Por Antonio Torres
Todos os crepúsculos agora estão em
mim...
Almas estranguladas passeiam com a minha
alma de confidências,pelas escuras alamedas do passado...
Porque vens, agora, sombra amiga,
quando esta longa noite do tempo veio para esquecer,
porque vens aflorar no meu caminho a sinfonia do meu tormento?
Perdi sonhos, perdi desejos infecundos, perdi de ouvir a música do tempo.
É como se fosse a vida que imitasse a arte. Assim pensa
o autor destas linhas num dia do mês de março de 2009, ao ler um poema que
Eurico Alves Boaventura escreveu em 1951. Trata-se do belo e melancólico Rondó das sombras consoladoras, cujo
trecho acima ilustra à perfeição a memória de uma tarde de 1970, quando o poeta
recebeu em sua casa, numa ensolarada e solitária rua que se chamava Manuel
Bandeira, uma alma estrangulada pelo
excesso de horas presa à poltrona de um ônibus comum, do Rio de Janeiro a Feira
de Santana.
Foi uma breve visita. E de surpresa.
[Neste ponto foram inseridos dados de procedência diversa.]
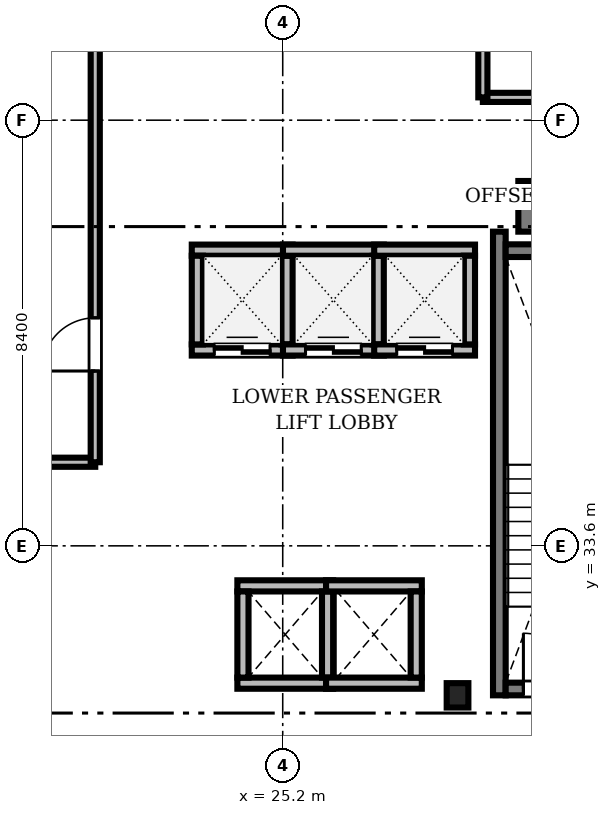
"""IFC4 building model, lengths in metres.
Left out: names, types, materials, properties, quantities, classifications, styles, units other than length and angle.
Written with IfcOpenShell. Run it as: python <this file> out.ifc"""

import sys

from ifc_helpers import new_model, si_unit, direction, frame, frame_2d, origin, origin_2d, place, context, subcontext, project, spatial, rectangle, i_section, extrude, source, transform, mapped, element, fill, save


model = new_model("IFC4")
c1 = context("Model", 3, precision=1e-05, world=origin(), true_north=direction((0.0, 1.0)))
c2 = subcontext(c1, "Body", "Model", "MODEL_VIEW")
j1 = project(units=[si_unit("LENGTHUNIT", "METRE"), si_unit("PLANEANGLEUNIT", "RADIAN")], contexts=[c1])
p1 = place(None, origin())
s1 = spatial("IfcSite", under=j1, at=p1, CompositionType="ELEMENT")
p2 = place(p1, origin())
s2 = spatial("IfcBuilding", under=s1, at=p2, CompositionType="ELEMENT")
p3 = place(p2, frame((0.0, 0.0, 42.2)))
s3 = spatial("IfcBuildingStorey", under=s2, at=p3, CompositionType="ELEMENT", Elevation=42.2)
m1 = source(origin(), c2, "Body", "SweptSolid", [
    extrude(rectangle(XDim=17.52, YDim=1.0, at=frame_2d((8.76, 0.0))), origin(), (0.0, 0.0, 1.0), 3.41),
])
p4 = place(p3, frame((29.85, 40.3, 0.0), z_axis=(0.0, 0.0, 1.0), x_axis=(1.0, 0.0, 0.0)))
e1 = element("IfcWall", 1, at=p4, inside=s3, PredefinedType="SHEAR", context=c2, shape_type="MappedRepresentation", body=[
    mapped(m1, transform((0.0, 0.0, 0.0), scale=1.0)),
])
m2 = source(origin(), c2, "Body", "SweptSolid", [
    extrude(i_section(OverallWidth=0.428, OverallDepth=0.481, WebThickness=0.04, FlangeThickness=0.063, FilletRadius=0.015, at=origin_2d()), origin(), (0.0, 0.0, 1.0), 3.41),
])
p5 = place(p3, frame((28.65, 30.65, 0.0), z_axis=(0.0, 0.0, 1.0), x_axis=(1.0, 0.0, 0.0)))
e2 = element("IfcColumn", 2, at=p5, inside=s3, PredefinedType="COLUMN", context=c2, shape_type="MappedRepresentation", body=[
    mapped(m2, transform((0.0, 0.0, 0.0), scale=1.0)),
])
m3 = source(origin(), c2, "Body", "SweptSolid", [
    extrude(rectangle(XDim=9.15, YDim=0.25, at=frame_2d((4.575, 0.0))), origin(), (0.0, 0.0, 1.0), 3.45),
])
p6 = place(p3, frame((29.475, 30.65, 0.0), z_axis=(0.0, 0.0, 1.0), x_axis=(0.0, 1.0, 0.0)))
e3 = element("IfcWall", 3, at=p6, inside=s3, PredefinedType="SOLIDWALL", context=c2, shape_type="MappedRepresentation", body=[
    mapped(m3, transform((0.0, 0.0, 0.0), scale=1.0)),
])
m4 = source(origin(), c2, "Body", "SweptSolid", [
    extrude(rectangle(XDim=3.15, YDim=0.25, at=frame_2d((1.575, 0.0))), origin(), (0.0, 0.0, 1.0), 3.45),
])
p7 = place(p3, frame((29.6, 39.425, 0.0), z_axis=(0.0, 0.0, 1.0), x_axis=(1.0, 0.0, 0.0)))
e4 = element("IfcWall", 4, at=p7, inside=s3, PredefinedType="SOLIDWALL", context=c2, shape_type="MappedRepresentation", body=[
    mapped(m4, transform((0.0, 0.0, 0.0), scale=1.0)),
])
p8 = place(p3, frame((29.6, 30.775, 0.0), z_axis=(0.0, 0.0, 1.0), x_axis=(1.0, 0.0, 0.0)))
e5 = element("IfcWall", 5, at=p8, inside=s3, PredefinedType="SOLIDWALL", context=c2, shape_type="MappedRepresentation", body=[
    mapped(m4, transform((0.0, 0.0, 0.0), scale=1.0)),
])
m5 = source(origin(), c2, "Body", "SweptSolid", [
    extrude(rectangle(XDim=1.1, YDim=2.2, at=frame_2d((0.55, 1.1))), frame((0.0, 0.135, 0.0), z_axis=(0.0, -1.0, 0.0), x_axis=(1.0, 0.0, 0.0)), (0.0, 0.0, 1.0), 0.27),
])
p9 = place(p8, frame((0.35, 0.0, 0.0)))
e6 = element("IfcOpeningElement", 6, at=p9, cuts=e5, PredefinedType="OPENING", context=c2, shape_type="MappedRepresentation", body=[
    mapped(m5, transform((0.0, 0.0, 0.0), scale=1.0)),
])
m6 = source(origin(), c2, "Body", "SweptSolid", [
    extrude(rectangle(XDim=1.99, YDim=0.22, at=frame_2d((0.995, 0.0))), origin(), (0.0, 0.0, 1.0), 3.41),
])
p10 = place(p3, frame((23.405, 37.465, 0.0), z_axis=(0.0, 0.0, 1.0), x_axis=(1.0, 0.0, 0.0)))
e7 = element("IfcWall", 7, at=p10, inside=s3, PredefinedType="SOLIDWALL", context=c2, shape_type="MappedRepresentation", body=[
    mapped(m6, transform((0.0, 0.0, 0.0), scale=1.0)),
])
m7 = source(origin(), c2, "Body", "SweptSolid", [
    extrude(rectangle(XDim=1.1, YDim=2.2, at=frame_2d((0.55, 1.1))), frame((0.0, 0.12, 0.0), z_axis=(0.0, -1.0, 0.0), x_axis=(1.0, 0.0, 0.0)), (0.0, 0.0, 1.0), 0.24),
])
p11 = place(p10, frame((0.445, 0.0, 0.0)))
e8 = element("IfcOpeningElement", 8, at=p11, cuts=e7, PredefinedType="OPENING", context=c2, shape_type="MappedRepresentation", body=[
    mapped(m7, transform((0.0, 0.0, 0.0), scale=1.0)),
])
p12 = place(p3, frame((23.405, 39.435, 0.0), z_axis=(0.0, 0.0, 1.0), x_axis=(1.0, 0.0, 0.0)))
e9 = element("IfcWall", 9, at=p12, inside=s3, PredefinedType="SOLIDWALL", context=c2, shape_type="MappedRepresentation", body=[
    mapped(m6, transform((0.0, 0.0, 0.0), scale=1.0)),
])
m8 = source(origin(), c2, "Body", "SweptSolid", [
    extrude(rectangle(XDim=1.75, YDim=0.22, at=frame_2d((0.875, 0.0))), origin(), (0.0, 0.0, 1.0), 3.41),
])
for number, where, z_axis, x_axis in (
    (10, (23.515, 37.575, 0.0), (0.0, 0.0, 1.0), (0.0, 1.0, 0.0)),
    (11, (25.285, 37.575, 0.0), (0.0, 0.0, 1.0), (0.0, 1.0, 0.0)),
):
    element("IfcWall", number, at=place(p3, frame(where, z_axis=z_axis, x_axis=x_axis)), inside=s3, PredefinedType="SOLIDWALL", context=c2, shape_type="MappedRepresentation", body=[
        mapped(m8, transform((0.0, 0.0, 0.0), scale=1.0)),
    ])
p13 = place(p3, frame((25.205, 37.465, 0.0), z_axis=(0.0, 0.0, 1.0), x_axis=(1.0, 0.0, 0.0)))
e12 = element("IfcWall", 12, at=p13, inside=s3, PredefinedType="SOLIDWALL", context=c2, shape_type="MappedRepresentation", body=[
    mapped(m6, transform((0.0, 0.0, 0.0), scale=1.0)),
])
p14 = place(p13, frame((0.445, 0.0, 0.0)))
e13 = element("IfcOpeningElement", 13, at=p14, cuts=e12, PredefinedType="OPENING", context=c2, shape_type="MappedRepresentation", body=[
    mapped(m7, transform((0.0, 0.0, 0.0), scale=1.0)),
])
p15 = place(p3, frame((25.205, 39.435, 0.0), z_axis=(0.0, 0.0, 1.0), x_axis=(1.0, 0.0, 0.0)))
e14 = element("IfcWall", 14, at=p15, inside=s3, PredefinedType="SOLIDWALL", context=c2, shape_type="MappedRepresentation", body=[
    mapped(m6, transform((0.0, 0.0, 0.0), scale=1.0)),
])
p16 = place(p3, frame((27.085, 37.575, 0.0), z_axis=(0.0, 0.0, 1.0), x_axis=(0.0, 1.0, 0.0)))
e15 = element("IfcWall", 15, at=p16, inside=s3, PredefinedType="SOLIDWALL", context=c2, shape_type="MappedRepresentation", body=[
    mapped(m8, transform((0.0, 0.0, 0.0), scale=1.0)),
])
m9 = source(origin(), c2, "Body", "SweptSolid", [
    extrude(rectangle(XDim=1.99, YDim=0.22, at=frame_2d((0.995, 0.0))), origin(), (0.0, 0.0, 1.0), 3.41),
])
p17 = place(p3, frame((27.005, 37.465, 0.0), z_axis=(0.0, 0.0, 1.0), x_axis=(1.0, 0.0, 0.0)))
e16 = element("IfcWall", 16, at=p17, inside=s3, PredefinedType="SOLIDWALL", context=c2, shape_type="MappedRepresentation", body=[
    mapped(m9, transform((0.0, 0.0, 0.0), scale=1.0)),
])
p18 = place(p17, frame((0.445, 0.0, 0.0)))
e17 = element("IfcOpeningElement", 17, at=p18, cuts=e16, PredefinedType="OPENING", context=c2, shape_type="MappedRepresentation", body=[
    mapped(m7, transform((0.0, 0.0, 0.0), scale=1.0)),
])
p19 = place(p3, frame((27.005, 39.435, 0.0), z_axis=(0.0, 0.0, 1.0), x_axis=(1.0, 0.0, 0.0)))
e18 = element("IfcWall", 18, at=p19, inside=s3, PredefinedType="SOLIDWALL", context=c2, shape_type="MappedRepresentation", body=[
    mapped(m9, transform((0.0, 0.0, 0.0), scale=1.0)),
])
p20 = place(p3, frame((28.885, 37.575, 0.0), z_axis=(0.0, 0.0, 1.0), x_axis=(0.0, 1.0, 0.0)))
e19 = element("IfcWall", 19, at=p20, inside=s3, PredefinedType="SOLIDWALL", context=c2, shape_type="MappedRepresentation", body=[
    mapped(m8, transform((0.0, 0.0, 0.0), scale=1.0)),
])
m10 = source(origin(), c2, "Body", "SweptSolid", [
    extrude(rectangle(XDim=1.89, YDim=0.22, at=frame_2d((0.945, 0.0))), origin(), (0.0, 0.0, 1.0), 3.41),
])
for number, where, z_axis, x_axis in (
    (20, (24.305, 30.89, 0.0), (0.0, 0.0, 1.0), (1.0, 0.0, 0.0)),
    (21, (24.305, 32.81, 0.0), (0.0, 0.0, 1.0), (1.0, 0.0, 0.0)),
):
    element("IfcWall", number, at=place(p3, frame(where, z_axis=z_axis, x_axis=x_axis)), inside=s3, PredefinedType="SOLIDWALL", context=c2, shape_type="MappedRepresentation", body=[
        mapped(m10, transform((0.0, 0.0, 0.0), scale=1.0)),
    ])
m11 = source(origin(), c2, "Body", "SweptSolid", [
    extrude(rectangle(XDim=1.7, YDim=0.22, at=frame_2d((0.85, 0.0))), origin(), (0.0, 0.0, 1.0), 3.41),
])
for number, where, z_axis, x_axis in (
    (22, (24.415, 31.0, 0.0), (0.0, 0.0, 1.0), (0.0, 1.0, 0.0)),
    (23, (26.085, 31.0, 0.0), (0.0, 0.0, 1.0), (0.0, 1.0, 0.0)),
):
    element("IfcWall", number, at=place(p3, frame(where, z_axis=z_axis, x_axis=x_axis)), inside=s3, PredefinedType="SOLIDWALL", context=c2, shape_type="MappedRepresentation", body=[
        mapped(m11, transform((0.0, 0.0, 0.0), scale=1.0)),
    ])
for number, where, z_axis, x_axis in (
    (24, (26.055, 30.89, 0.0), (0.0, 0.0, 1.0), (1.0, 0.0, 0.0)),
    (25, (26.055, 32.81, 0.0), (0.0, 0.0, 1.0), (1.0, 0.0, 0.0)),
):
    element("IfcWall", number, at=place(p3, frame(where, z_axis=z_axis, x_axis=x_axis)), inside=s3, PredefinedType="SOLIDWALL", context=c2, shape_type="MappedRepresentation", body=[
        mapped(m10, transform((0.0, 0.0, 0.0), scale=1.0)),
    ])
p21 = place(p3, frame((27.835, 31.0, 0.0), z_axis=(0.0, 0.0, 1.0), x_axis=(0.0, 1.0, 0.0)))
e26 = element("IfcWall", 26, at=p21, inside=s3, PredefinedType="SOLIDWALL", context=c2, shape_type="MappedRepresentation", body=[
    mapped(m11, transform((0.0, 0.0, 0.0), scale=1.0)),
])
m12 = source(origin(), c2, "Body", "SweptSolid", [
    extrude(rectangle(XDim=19.428, YDim=0.18, at=frame_2d((9.714, 0.0))), origin(), (0.0, 0.0, 1.0), 2.652),
])
p22 = place(p3, frame((29.15, 42.45, 0.0), z_axis=(0.0, 0.0, 1.0), x_axis=(1.0, 0.0, 0.0)))
e27 = element("IfcWall", 27, at=p22, inside=s3, PredefinedType="PARTITIONING", context=c2, shape_type="MappedRepresentation", body=[
    mapped(m12, transform((0.0, 0.0, 0.0), scale=1.0)),
])
m13 = source(origin(), c2, "Body", "SweptSolid", [
    extrude(rectangle(XDim=1.05, YDim=2.2, at=frame_2d((0.525, 1.1))), frame((0.0, 0.1, 0.0), z_axis=(0.0, -1.0, 0.0), x_axis=(1.0, 0.0, 0.0)), (0.0, 0.0, 1.0), 0.2),
])
p23 = place(p22, frame((4.5, 0.0, 0.0)))
e28 = element("IfcOpeningElement", 28, at=p23, cuts=e27, PredefinedType="OPENING", context=c2, shape_type="MappedRepresentation", body=[
    mapped(m13, transform((0.0, 0.0, 0.0), scale=1.0)),
])
m14 = source(origin(), c2, "Body", "SweptSolid", [
    extrude(rectangle(XDim=19.078, YDim=0.18, at=frame_2d((9.539, 0.0))), origin(), (0.0, 0.0, 1.0), 2.652),
])
p24 = place(p3, frame((2.422, 35.25, 0.0), z_axis=(0.0, 0.0, 1.0), x_axis=(1.0, 0.0, 0.0)))
e29 = element("IfcWall", 29, at=p24, inside=s3, PredefinedType="PARTITIONING", context=c2, shape_type="MappedRepresentation", body=[
    mapped(m14, transform((0.0, 0.0, 0.0), scale=1.0)),
])
p25 = place(p24, frame((13.129, 0.0, 0.0)))
e30 = element("IfcOpeningElement", 30, at=p25, cuts=e29, PredefinedType="OPENING", context=c2, shape_type="MappedRepresentation", body=[
    mapped(m13, transform((0.0, 0.0, 0.0), scale=1.0)),
])
m15 = source(origin(), c2, "Body", "SweptSolid", [
    extrude(rectangle(XDim=13.028, YDim=0.18, at=frame_2d((6.514, 0.0))), origin(), (0.0, 0.0, 1.0), 2.652),
])
p26 = place(p3, frame((21.5, 35.25, 0.0), z_axis=(0.0, 0.0, 1.0), x_axis=(0.0, 1.0, 0.0)))
e31 = element("IfcWall", 31, at=p26, inside=s3, PredefinedType="PARTITIONING", context=c2, shape_type="MappedRepresentation", body=[
    mapped(m15, transform((0.0, 0.0, 0.0), scale=1.0)),
])
p27 = place(p26, frame((1.8, 0.0, 0.0)))
e32 = element("IfcOpeningElement", 32, at=p27, cuts=e31, PredefinedType="OPENING", context=c2, shape_type="MappedRepresentation", body=[
    mapped(m13, transform((0.0, 0.0, 0.0), scale=1.0)),
])
m16 = source(origin(), c2, "Body", "SweptSolid", [
    extrude(rectangle(XDim=5.828, YDim=0.18, at=frame_2d((2.914, 0.0))), origin(), (0.0, 0.0, 1.0), 2.652),
])
p28 = place(p3, frame((29.15, 42.45, 0.0), z_axis=(0.0, 0.0, 1.0), x_axis=(0.0, 1.0, 0.0)))
e33 = element("IfcWall", 33, at=p28, inside=s3, PredefinedType="PARTITIONING", context=c2, shape_type="MappedRepresentation", body=[
    mapped(m16, transform((0.0, 0.0, 0.0), scale=1.0)),
])
m17 = source(origin(), c2, "Body", "SweptSolid", [
    extrude(rectangle(XDim=1.1, YDim=2.2, at=frame_2d((0.55, 1.1))), frame((0.0, 0.025, 0.0), z_axis=(0.0, -1.0, 0.0), x_axis=(1.0, 0.0, 0.0)), (0.0, 0.0, 1.0), 0.05),
])
p29 = place(p9, origin())
e34 = element("IfcDoor", 34, at=p29, inside=s3, OperationType="SINGLE_SWING_LEFT", PredefinedType="DOOR", context=c2, shape_type="MappedRepresentation", body=[
    mapped(m17, transform((0.0, 0.0, 0.0), scale=1.0)),
])
fill(e6, e34)
p30 = place(p11, origin())
e35 = element("IfcDoor", 35, at=p30, inside=s3, OperationType="DOUBLE_DOOR_SLIDING", PredefinedType="DOOR", context=c2, shape_type="MappedRepresentation", body=[
    mapped(m17, transform((0.0, 0.0, 0.0), scale=1.0)),
])
fill(e8, e35)
p31 = place(p14, origin())
e36 = element("IfcDoor", 36, at=p31, inside=s3, OperationType="DOUBLE_DOOR_SLIDING", PredefinedType="DOOR", context=c2, shape_type="MappedRepresentation", body=[
    mapped(m17, transform((0.0, 0.0, 0.0), scale=1.0)),
])
fill(e13, e36)
p32 = place(p18, origin())
e37 = element("IfcDoor", 37, at=p32, inside=s3, OperationType="DOUBLE_DOOR_SLIDING", PredefinedType="DOOR", context=c2, shape_type="MappedRepresentation", body=[
    mapped(m17, transform((0.0, 0.0, 0.0), scale=1.0)),
])
fill(e17, e37)
m18 = source(origin(), c2, "Body", "SweptSolid", [
    extrude(rectangle(XDim=1.05, YDim=2.2, at=frame_2d((0.525, 1.1))), frame((0.0, 0.025, 0.0), z_axis=(0.0, -1.0, 0.0), x_axis=(1.0, 0.0, 0.0)), (0.0, 0.0, 1.0), 0.05),
])
p33 = place(p27, origin())
e38 = element("IfcDoor", 38, at=p33, inside=s3, OperationType="SINGLE_SWING_LEFT", PredefinedType="DOOR", context=c2, shape_type="MappedRepresentation", body=[
    mapped(m18, transform((0.0, 0.0, 0.0), scale=1.0)),
])
fill(e32, e38)
save(model, sys.argv[1])

Nada além de uma
pausa a meio do caminho para outros nortes, e para acorçoar-se ao sabor de um
café e dois dedos de prosa, que resultariam num passeio de confidências pela longa
noite do tempo em alamedas escuras do
passado, e que, revisitadas agora, desembocam na página de Luz em agosto na qual William Faulkner
escreveu: É o conhecimento - e não a dor
- que faz você se lembrar de centenas de ruas selvagens e ermas.
Erma,
sim. Selvagem, não - poderia ter concluído o recém-chegado à ruazinha àquela
hora deserta, e ao ser recebido com a fidalguia peculiar a um homem de letras citadino
de reconhecível herança aristocrática rural. E Juiz de Direito, ainda por cima,
embora já a viver os crepúsculos da aposentadoria na sossegada Rua Manuel
Bandeira, a quem o autor da Estrela da
vida inteira devia a homenagem, por razões que a esta altura, imagina-se, poeta
algum ignora, pelo menos na Bahia.
Recorda-se
aqui a entrada da casa por uma varanda lateral, onde havia uma cadeira de
balanço. Acrescente-se ao impacto visual das singelezas à chegada, portas e
janelas azuis, e paredes brancas, tudo a trazer para a arquitetura urbana do
século XX uma evocação da era das mansões coloniais, se é que não se delira
nessa recordação.
De certeza é que àquela hora o sol amenizava-se, já em
queda para o poente. E que um vento morno regia a música do tempo, numa orquestra a farfalhar em memorável concerto
a sua Antífona para depois de amanhã: O vento marca o tempo, o tempo que ouço uivando/
nas marchas dos moços sem rumo.
Elegantemente
trajado, como de hábito, o doutor Eurico Alves Boaventura encaminhou o seu visitante
a uma mesa senhorial ao centro da sala, na qual reinava o silêncio, quebrado
apenas quando surgiu uma senhora (parente sua, talvez) para cumprir o sagrado
ritual da hospitalidade sertaneja, ao portar uma bandeja com um bule e duas
xícaras de café. O que faltava ali? Os convivas de outra sala há onze anos
atrás, numa cidade chamada Alagoinhas, onde o anfitrião era o mesmo dessa tarde
que parecia mais propícia a uma soneca do que a recepções não programadas.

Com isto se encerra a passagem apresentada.